How often do these categories overlap?


----------



## Aramis (Mar 1, 2009)

In most cases "greatness" is just a shorthand. 

You know, all those people who have nothing more interesting to ask and wonder about than "what is the greatest X" obviously couldn't have enough imagination to use any other, less worn word. 

I think I even used this word recently myself. SHAME ON ME. 

As for your questions - I think the answer for all of them is rather obvious. Since the creation of beauty is first, major purpose of art it is needless to say that it is also basic measure of it's greatness.


----------



## haydnfan (Apr 13, 2011)

The concept of beauty is relative, so it can't be answered. For instance one listener could find Xenakis' Metastatis to be beautiful for the elegant way in which the piece fragments into individual strands, while another might here it as ugly sound.

Greatness on the other hand is not as relative, since a piece of music is considered to be great by critical consensus.


----------



## Argus (Oct 16, 2009)

No to all.

I like lots of music I wouldn't describe as beautiful. The word 'beautiful' to me is just a descriptive word, like any other word that can be used to describe music 'poignant', 'fun', 'busy', 'chaotic' etc.


----------



## Fsharpmajor (Dec 14, 2008)

I don't think that great music necessarily has to be beautiful--for example, not many people would say that Bartok's string quartets, or for that matter, Beethoven's late string quartets are particularly beautiful.


----------



## emiellucifuge (May 26, 2009)

Beauty is only one aspect of art. Ugliness is also valid.


----------



## Couchie (Dec 9, 2010)

Beauty does not necessarily imply greatness either. Many film scores have beautiful music mostly built around tried and true cliches, which while undeniably beautiful, are hardly contenders for great works of art.


----------



## pjang23 (Oct 8, 2009)

Beethoven's Grosse Fuge and Stravinsky's Rite of Spring are famous counterexamples. Beauty is just one of many criteria for greatness.


----------



## Huilunsoittaja (Apr 6, 2010)

"Beautiful" is often connoted with slow, sweeping stuff. Not noisy, fast-paced stuff. But that doesn't mean that the wild, energetic stuff isn't. Usually, that stuff is rather labeled "Great," above "Beautiful."

I certainly believe there are a lot of "Great" but ugly works in existence today.

And plenty of beautiful but obscure works as well.


----------



## Whistlerguy (May 26, 2010)

Maybe the best is what is both great and beautiful. 

Any examples?


----------



## Kopachris (May 31, 2010)

Is "beautiful" synonymous with "pleasant"? If so, then the answer to your questions is definitely no. If something that isn't pleasant to listen too (i.e. something depressing or harsh) can still be considered beautiful, then the answer is potentially yes.

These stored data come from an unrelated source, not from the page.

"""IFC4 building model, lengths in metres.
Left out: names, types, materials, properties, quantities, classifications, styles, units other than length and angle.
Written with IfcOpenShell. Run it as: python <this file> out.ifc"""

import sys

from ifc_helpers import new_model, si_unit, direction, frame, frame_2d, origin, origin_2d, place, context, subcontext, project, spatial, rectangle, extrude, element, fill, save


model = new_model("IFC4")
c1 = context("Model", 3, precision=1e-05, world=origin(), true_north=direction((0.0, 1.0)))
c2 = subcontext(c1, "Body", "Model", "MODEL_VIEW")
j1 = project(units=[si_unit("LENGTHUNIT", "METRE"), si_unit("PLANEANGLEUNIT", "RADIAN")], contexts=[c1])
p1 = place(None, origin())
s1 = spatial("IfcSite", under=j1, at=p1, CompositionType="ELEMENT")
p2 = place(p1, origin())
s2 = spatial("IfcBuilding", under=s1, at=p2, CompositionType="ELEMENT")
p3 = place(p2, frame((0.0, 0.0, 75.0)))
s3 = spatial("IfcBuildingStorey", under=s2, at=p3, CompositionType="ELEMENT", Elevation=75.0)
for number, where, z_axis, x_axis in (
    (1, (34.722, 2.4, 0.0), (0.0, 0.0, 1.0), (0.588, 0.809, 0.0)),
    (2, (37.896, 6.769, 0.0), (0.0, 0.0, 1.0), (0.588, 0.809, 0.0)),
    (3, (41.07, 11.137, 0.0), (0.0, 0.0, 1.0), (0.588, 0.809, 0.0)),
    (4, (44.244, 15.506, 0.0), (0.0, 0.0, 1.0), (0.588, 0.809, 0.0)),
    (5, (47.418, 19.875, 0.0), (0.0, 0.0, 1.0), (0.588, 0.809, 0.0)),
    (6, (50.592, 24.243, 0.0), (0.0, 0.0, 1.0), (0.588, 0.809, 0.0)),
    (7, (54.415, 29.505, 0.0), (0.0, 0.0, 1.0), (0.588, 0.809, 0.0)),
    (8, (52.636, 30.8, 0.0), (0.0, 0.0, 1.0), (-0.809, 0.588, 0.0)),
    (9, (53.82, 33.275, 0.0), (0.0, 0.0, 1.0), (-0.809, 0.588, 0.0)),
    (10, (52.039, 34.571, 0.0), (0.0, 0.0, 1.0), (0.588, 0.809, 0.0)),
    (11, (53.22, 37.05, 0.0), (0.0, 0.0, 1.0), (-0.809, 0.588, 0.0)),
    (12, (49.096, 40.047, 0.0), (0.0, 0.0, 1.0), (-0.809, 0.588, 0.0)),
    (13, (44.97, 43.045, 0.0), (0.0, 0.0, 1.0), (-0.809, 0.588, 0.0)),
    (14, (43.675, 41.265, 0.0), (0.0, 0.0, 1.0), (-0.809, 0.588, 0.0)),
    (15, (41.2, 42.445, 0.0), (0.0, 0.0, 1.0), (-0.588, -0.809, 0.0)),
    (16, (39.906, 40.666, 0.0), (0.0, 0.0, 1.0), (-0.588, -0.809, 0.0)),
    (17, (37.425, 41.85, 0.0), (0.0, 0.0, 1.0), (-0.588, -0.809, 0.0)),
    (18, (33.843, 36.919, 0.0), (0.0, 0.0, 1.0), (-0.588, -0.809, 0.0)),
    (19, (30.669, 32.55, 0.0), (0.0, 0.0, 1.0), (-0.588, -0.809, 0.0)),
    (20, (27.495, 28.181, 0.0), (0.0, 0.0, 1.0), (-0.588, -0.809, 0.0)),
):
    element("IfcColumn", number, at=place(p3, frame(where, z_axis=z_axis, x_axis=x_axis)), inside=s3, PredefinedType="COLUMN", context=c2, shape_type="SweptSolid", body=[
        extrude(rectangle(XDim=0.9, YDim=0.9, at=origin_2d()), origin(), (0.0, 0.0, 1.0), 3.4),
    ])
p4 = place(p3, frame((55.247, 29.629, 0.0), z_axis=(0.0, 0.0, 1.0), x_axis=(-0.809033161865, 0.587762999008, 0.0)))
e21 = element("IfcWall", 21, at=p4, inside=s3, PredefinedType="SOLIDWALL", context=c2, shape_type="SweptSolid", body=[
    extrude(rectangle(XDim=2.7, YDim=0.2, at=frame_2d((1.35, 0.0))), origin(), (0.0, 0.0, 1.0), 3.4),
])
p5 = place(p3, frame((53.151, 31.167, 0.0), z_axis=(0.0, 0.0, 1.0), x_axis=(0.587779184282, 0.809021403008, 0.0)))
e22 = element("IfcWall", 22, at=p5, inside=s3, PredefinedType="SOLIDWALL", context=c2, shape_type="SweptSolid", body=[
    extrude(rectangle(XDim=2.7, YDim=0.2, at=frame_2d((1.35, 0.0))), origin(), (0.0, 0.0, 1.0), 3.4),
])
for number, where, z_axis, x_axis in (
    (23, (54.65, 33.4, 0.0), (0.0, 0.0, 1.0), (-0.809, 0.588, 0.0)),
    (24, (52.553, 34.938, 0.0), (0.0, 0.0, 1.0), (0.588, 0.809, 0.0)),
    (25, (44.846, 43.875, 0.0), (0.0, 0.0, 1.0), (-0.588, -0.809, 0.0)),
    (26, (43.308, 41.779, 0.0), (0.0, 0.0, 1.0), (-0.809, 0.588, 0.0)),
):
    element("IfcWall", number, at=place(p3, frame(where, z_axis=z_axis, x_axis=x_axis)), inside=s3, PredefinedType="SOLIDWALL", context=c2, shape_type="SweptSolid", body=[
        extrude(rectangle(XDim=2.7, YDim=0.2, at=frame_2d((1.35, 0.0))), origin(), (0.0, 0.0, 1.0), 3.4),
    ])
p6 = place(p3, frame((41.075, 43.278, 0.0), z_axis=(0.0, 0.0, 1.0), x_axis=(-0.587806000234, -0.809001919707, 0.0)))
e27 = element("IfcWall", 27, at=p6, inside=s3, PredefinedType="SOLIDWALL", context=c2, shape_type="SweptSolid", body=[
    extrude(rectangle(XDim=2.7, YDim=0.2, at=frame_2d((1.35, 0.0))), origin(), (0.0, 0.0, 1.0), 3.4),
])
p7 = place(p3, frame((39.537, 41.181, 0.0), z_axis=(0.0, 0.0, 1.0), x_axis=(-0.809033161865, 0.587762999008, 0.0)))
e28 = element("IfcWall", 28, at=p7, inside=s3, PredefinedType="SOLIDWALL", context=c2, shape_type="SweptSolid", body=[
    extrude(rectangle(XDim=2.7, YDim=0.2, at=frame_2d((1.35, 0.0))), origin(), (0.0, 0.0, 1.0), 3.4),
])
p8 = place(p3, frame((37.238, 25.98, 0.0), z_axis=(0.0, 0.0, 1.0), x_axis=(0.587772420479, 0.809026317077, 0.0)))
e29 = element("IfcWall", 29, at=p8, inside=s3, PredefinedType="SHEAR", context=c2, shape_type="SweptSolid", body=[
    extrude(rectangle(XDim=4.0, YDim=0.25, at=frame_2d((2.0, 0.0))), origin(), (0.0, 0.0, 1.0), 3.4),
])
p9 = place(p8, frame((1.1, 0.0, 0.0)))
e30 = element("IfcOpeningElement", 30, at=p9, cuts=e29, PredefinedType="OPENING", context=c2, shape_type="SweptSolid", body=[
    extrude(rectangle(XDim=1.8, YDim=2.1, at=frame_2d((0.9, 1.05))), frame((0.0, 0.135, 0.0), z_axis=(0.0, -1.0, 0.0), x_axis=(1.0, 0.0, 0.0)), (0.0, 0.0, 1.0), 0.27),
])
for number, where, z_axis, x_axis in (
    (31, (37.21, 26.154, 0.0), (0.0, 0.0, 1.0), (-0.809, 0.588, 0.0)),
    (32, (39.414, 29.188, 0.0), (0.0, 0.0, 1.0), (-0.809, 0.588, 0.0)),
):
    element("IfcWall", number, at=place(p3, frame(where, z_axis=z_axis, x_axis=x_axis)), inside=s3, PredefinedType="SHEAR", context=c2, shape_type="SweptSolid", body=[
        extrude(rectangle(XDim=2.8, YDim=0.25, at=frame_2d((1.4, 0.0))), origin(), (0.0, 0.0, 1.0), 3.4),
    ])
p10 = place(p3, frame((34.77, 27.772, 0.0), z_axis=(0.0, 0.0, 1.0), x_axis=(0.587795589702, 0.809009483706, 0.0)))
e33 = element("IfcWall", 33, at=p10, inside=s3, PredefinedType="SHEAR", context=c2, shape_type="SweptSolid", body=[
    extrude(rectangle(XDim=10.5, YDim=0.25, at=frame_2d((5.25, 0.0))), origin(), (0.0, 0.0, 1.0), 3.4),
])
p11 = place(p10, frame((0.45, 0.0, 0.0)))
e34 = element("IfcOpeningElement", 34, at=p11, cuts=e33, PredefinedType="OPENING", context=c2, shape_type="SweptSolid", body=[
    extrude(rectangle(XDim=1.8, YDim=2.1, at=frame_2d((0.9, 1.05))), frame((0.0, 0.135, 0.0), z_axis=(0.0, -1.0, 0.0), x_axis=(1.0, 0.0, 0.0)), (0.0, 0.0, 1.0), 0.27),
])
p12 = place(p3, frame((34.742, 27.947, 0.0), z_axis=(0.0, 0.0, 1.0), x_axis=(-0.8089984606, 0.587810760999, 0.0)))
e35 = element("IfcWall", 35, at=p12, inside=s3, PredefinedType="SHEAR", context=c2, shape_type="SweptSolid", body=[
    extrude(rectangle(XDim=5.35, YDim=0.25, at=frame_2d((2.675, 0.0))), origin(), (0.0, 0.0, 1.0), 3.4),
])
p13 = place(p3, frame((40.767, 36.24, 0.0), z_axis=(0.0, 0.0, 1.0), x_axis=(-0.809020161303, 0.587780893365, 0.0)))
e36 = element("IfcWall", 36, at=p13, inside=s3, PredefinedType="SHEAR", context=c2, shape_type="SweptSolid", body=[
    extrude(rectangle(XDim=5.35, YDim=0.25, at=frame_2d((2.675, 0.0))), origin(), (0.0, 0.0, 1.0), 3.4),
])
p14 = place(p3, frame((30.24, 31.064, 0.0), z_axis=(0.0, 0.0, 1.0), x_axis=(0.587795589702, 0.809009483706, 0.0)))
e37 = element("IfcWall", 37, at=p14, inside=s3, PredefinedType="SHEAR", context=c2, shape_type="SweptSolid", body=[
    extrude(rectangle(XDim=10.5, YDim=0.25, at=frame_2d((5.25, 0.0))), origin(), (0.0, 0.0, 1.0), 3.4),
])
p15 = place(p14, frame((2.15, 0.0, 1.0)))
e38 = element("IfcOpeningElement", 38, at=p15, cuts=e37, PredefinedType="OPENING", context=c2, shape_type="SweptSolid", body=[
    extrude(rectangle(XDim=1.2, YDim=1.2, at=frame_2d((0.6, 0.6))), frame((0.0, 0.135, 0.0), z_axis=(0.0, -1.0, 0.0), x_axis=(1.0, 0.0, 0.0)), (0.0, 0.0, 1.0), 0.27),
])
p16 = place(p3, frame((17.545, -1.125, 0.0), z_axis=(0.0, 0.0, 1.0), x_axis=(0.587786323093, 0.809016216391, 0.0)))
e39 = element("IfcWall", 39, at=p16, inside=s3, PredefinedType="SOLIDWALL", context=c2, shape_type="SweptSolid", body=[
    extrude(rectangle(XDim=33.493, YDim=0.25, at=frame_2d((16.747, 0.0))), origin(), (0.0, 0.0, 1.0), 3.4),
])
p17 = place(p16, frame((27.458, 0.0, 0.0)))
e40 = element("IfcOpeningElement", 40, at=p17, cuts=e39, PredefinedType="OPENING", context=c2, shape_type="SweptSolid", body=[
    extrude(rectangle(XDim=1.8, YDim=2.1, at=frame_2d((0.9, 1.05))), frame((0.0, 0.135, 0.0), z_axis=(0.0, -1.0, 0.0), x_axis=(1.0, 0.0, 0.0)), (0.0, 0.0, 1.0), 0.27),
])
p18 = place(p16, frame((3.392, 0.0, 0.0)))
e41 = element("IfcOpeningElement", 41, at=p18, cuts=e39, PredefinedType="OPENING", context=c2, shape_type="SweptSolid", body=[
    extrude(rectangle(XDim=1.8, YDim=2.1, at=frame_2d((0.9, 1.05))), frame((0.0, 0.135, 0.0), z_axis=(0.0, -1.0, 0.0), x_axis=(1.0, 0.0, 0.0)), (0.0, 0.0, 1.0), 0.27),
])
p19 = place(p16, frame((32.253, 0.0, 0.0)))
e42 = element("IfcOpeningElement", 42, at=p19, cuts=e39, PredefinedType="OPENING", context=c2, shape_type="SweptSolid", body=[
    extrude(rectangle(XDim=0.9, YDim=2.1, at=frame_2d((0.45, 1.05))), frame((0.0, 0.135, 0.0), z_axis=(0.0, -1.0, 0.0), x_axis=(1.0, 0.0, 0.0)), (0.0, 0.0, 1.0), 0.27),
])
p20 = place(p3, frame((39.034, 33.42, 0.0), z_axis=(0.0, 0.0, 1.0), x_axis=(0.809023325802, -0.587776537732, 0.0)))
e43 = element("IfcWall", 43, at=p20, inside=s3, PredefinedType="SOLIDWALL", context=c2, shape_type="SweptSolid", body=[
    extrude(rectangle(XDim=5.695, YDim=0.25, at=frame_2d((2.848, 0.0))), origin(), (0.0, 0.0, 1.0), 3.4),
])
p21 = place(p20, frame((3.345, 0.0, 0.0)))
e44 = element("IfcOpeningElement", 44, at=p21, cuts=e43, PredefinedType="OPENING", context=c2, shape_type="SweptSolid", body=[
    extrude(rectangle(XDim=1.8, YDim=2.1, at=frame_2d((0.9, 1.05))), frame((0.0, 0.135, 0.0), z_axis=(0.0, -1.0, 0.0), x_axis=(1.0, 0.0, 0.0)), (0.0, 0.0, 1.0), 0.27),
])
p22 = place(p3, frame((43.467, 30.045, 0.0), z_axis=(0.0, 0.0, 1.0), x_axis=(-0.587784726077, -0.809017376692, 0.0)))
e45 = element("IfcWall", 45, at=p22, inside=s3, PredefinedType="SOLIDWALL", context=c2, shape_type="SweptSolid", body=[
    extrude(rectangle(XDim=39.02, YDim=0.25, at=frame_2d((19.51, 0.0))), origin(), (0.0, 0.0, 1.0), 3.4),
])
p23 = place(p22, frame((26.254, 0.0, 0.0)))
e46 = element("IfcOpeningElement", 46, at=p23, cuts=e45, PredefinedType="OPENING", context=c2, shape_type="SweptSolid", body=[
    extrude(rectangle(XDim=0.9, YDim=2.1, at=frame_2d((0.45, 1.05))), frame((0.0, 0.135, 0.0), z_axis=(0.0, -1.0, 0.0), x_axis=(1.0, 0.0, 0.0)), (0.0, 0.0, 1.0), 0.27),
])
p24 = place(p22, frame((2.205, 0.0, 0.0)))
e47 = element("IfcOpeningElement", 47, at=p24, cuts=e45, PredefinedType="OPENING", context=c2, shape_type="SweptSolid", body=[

In other words, does beauty depend on those slow, sweeping melodies, or is beauty beyond the aesthetics of a piece of music?


----------



## Whistlerguy (May 26, 2010)

> Is "beautiful" synonymous with "pleasant"? If so, then the answer to your questions is definitely no. If something that isn't pleasant to listen too (i.e. something depressing or harsh) can still be considered beautiful, then the answer is potentially yes.


IMO, beautiful does not have to be pleasant or slow.

For example, in rock music, I find "Enter Sandman", "Welcome to the jungle", "Smells like teen spirit", "Child in time", "Master of puppers", "Back in black" etc. to be very beautiful, but they are not so pleasant.

Beautiful is not the same thing as chill out music.

When it comes to classical, I find even "Grosse Fuge" beautiful in its own way.


----------



## Whistlerguy (May 26, 2010)

However, harsh and depressing music is sometimes just harsh and depressing and is not beautiful at all, unlike the songs I mentioned.


----------



## Whistlerguy (May 26, 2010)

Also, beautiful is not always great, but THE MOST BEAUTIFUL is great, because it takes a lot of greatness to achieve the victory in beauty competition.


----------



## Monte Verdi (Apr 1, 2011)

I think we can drop the semantics and have a little fun.
My vote is for Bach's Art of The Fugue!


----------



## Aramis (Mar 1, 2009)

> Ugliness is also valid.


Using music to create new beauty is great, sacred deed. Using it to bring to this world more uglyness than there is already is not.

That is why worst of all beautiful works will always be greater than greatest of ugly works.


----------



## Air (Jul 19, 2008)

In my view beauty is a perception of things and what appeals to the listener in a variety of ways.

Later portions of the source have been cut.